新型コロナウイルス感染拡大の影響で、多くの企業が会社に出社しなくてもよい在宅勤務の制度を採用しています。在宅勤務では、自宅で作業をするための備品購入や環境整備などの諸経費がかかることから、在宅勤務手当を支給する企業も多くなっています。ここでは、在宅勤務手当の性質を確認しながら、課税されるかどうかをパターン別に解説します。
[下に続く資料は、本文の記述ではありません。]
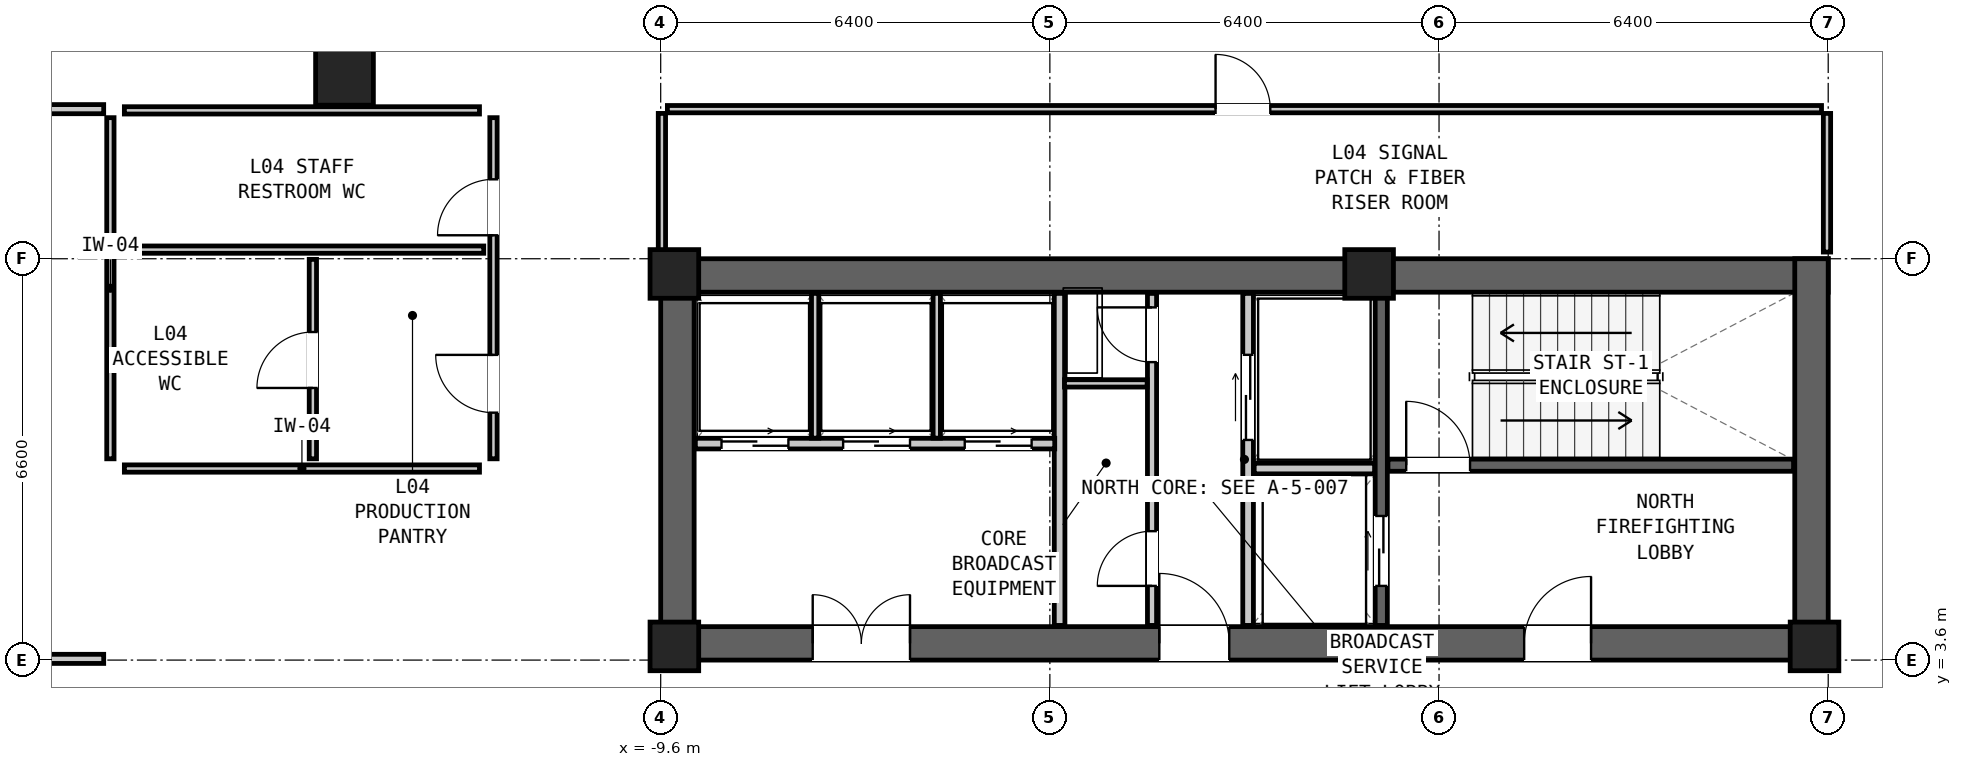
"""IFC4 building model, lengths in metres.
Left out: names, types, materials, properties, quantities, classifications, styles, units other than length and angle.
Written with IfcOpenShell. Run it as: python <this file> out.ifc"""

import sys

from ifc_helpers import new_model, si_unit, direction, frame, frame_2d, origin, origin_2d, place, context, subcontext, project, spatial, rectangle, hollow_rectangle, extrude, element, fill, save


model = new_model("IFC4")
c1 = context("Model", 3, precision=1e-05, world=origin(), true_north=direction((0.0, 1.0)))
c2 = subcontext(c1, "Body", "Model", "MODEL_VIEW")
j1 = project(units=[si_unit("LENGTHUNIT", "METRE"), si_unit("PLANEANGLEUNIT", "RADIAN")], contexts=[c1])
p1 = place(None, origin())
s1 = spatial("IfcSite", under=j1, at=p1, CompositionType="ELEMENT")
p2 = place(p1, origin())
s2 = spatial("IfcBuilding", under=s1, at=p2, CompositionType="ELEMENT")
p3 = place(p2, frame((0.0, 0.0, 17.7)))
s3 = spatial("IfcBuildingStorey", under=s2, at=p3, CompositionType="ELEMENT", Elevation=17.7)
p4 = place(p3, frame((-9.6, 9.925, 0.0), z_axis=(0.0, 0.0, 1.0), x_axis=(1.0, 0.0, 0.0)))
e1 = element("IfcWall", 1, at=p4, inside=s3, PredefinedType="SHEAR", context=c2, shape_type="SweptSolid", body=[
    extrude(rectangle(XDim=19.2, YDim=0.55, at=frame_2d((9.6, 0.0))), origin(), (0.0, 0.0, 1.0), 4.2),
])
p5 = place(p3, frame((-9.6, 3.875, 0.0), z_axis=(0.0, 0.0, 1.0), x_axis=(1.0, 0.0, 0.0)))
e2 = element("IfcWall", 2, at=p5, inside=s3, PredefinedType="SHEAR", context=c2, shape_type="SweptSolid", body=[
    extrude(rectangle(XDim=19.2, YDim=0.55, at=frame_2d((9.6, 0.0))), origin(), (0.0, 0.0, 1.0), 4.2),
])
p6 = place(p5, frame((14.2, 0.0, 0.0)))
e3 = element("IfcOpeningElement", 3, at=p6, cuts=e2, PredefinedType="OPENING", context=c2, shape_type="SweptSolid", body=[
    extrude(rectangle(XDim=1.1, YDim=2.08, at=frame_2d((0.55, 1.04))), frame((0.0, 0.287, 0.0), z_axis=(0.0, -1.0, 0.0), x_axis=(1.0, 0.0, 0.0)), (0.0, 0.0, 1.0), 0.574),
])
p7 = place(p5, frame((8.2, 0.0, 0.0)))
e4 = element("IfcOpeningElement", 4, at=p7, cuts=e2, PredefinedType="OPENING", context=c2, shape_type="SweptSolid", body=[
    extrude(rectangle(XDim=1.15, YDim=2.1, at=frame_2d((0.575, 1.05))), frame((0.0, 0.287, 0.0), z_axis=(0.0, -1.0, 0.0), x_axis=(1.0, 0.0, 0.0)), (0.0, 0.0, 1.0), 0.574),
])
p8 = place(p5, frame((2.5, 0.0, 0.0)))
e5 = element("IfcOpeningElement", 5, at=p8, cuts=e2, PredefinedType="OPENING", context=c2, shape_type="SweptSolid", body=[
    extrude(rectangle(XDim=1.6, YDim=2.12, at=frame_2d((0.8, 1.06))), frame((0.0, 0.287, 0.0), z_axis=(0.0, -1.0, 0.0), x_axis=(1.0, 0.0, 0.0)), (0.0, 0.0, 1.0), 0.574),
])
for number, where, z_axis, x_axis in (
    (6, (-9.325, 3.6, 0.0), (0.0, 0.0, 1.0), (0.0, 1.0, 0.0)),
    (7, (9.325, 3.6, 0.0), (0.0, 0.0, 1.0), (0.0, 1.0, 0.0)),
):
    element("IfcWall", number, at=place(p3, frame(where, z_axis=z_axis, x_axis=x_axis)), inside=s3, PredefinedType="SHEAR", context=c2, shape_type="SweptSolid", body=[
        extrude(rectangle(XDim=6.6, YDim=0.55, at=frame_2d((3.3, 0.0))), origin(), (0.0, 0.0, 1.0), 4.2),
    ])
p9 = place(p3, frame((-14.8, 13.2, 0.0), z_axis=(0.0, 0.0, 1.0), x_axis=(1.0, 0.0, 0.0)))
e8 = element("IfcColumn", 8, at=p9, inside=s3, PredefinedType="COLUMN", context=c2, shape_type="SweptSolid", body=[
    extrude(hollow_rectangle(XDim=0.95, YDim=0.95, WallThickness=0.06, at=origin_2d()), origin(), (0.0, 0.0, 1.0), 4.2),
])
for number, where, z_axis, x_axis in (
    (9, (-9.375, 9.95, 0.0), (0.0, 0.0, 1.0), (1.0, 0.0, 0.0)),
    (10, (2.05, 9.95, 0.0), (0.0, 0.0, 1.0), (1.0, 0.0, 0.0)),
    (11, (-9.375, 3.825, 0.0), (0.0, 0.0, 1.0), (1.0, 0.0, 0.0)),
    (12, (9.375, 3.825, 0.0), (0.0, 0.0, 1.0), (1.0, 0.0, 0.0)),
):
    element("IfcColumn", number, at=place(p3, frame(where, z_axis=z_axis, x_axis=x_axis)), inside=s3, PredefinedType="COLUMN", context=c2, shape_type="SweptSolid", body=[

※2021年1月に国税庁から在宅勤務手当の課税に関する資料が公開されており、専門家の監修の下事実確認をしております。

在宅勤務に係る費用負担等に関するFAQ(源泉所得税関係) |国税庁
https://www.nta.go.jp/publication/pamph/pdf/0020012-080.pdf

1. 在宅勤務手当とは

一口に在宅勤務手当といっても、企業によって在宅勤務手当の内容や捉え方は異なることがあります。まずは在宅勤務手当とは何か、企業で支給されている在宅勤務手当にはどのようなものがあるのかを見ていきましょう。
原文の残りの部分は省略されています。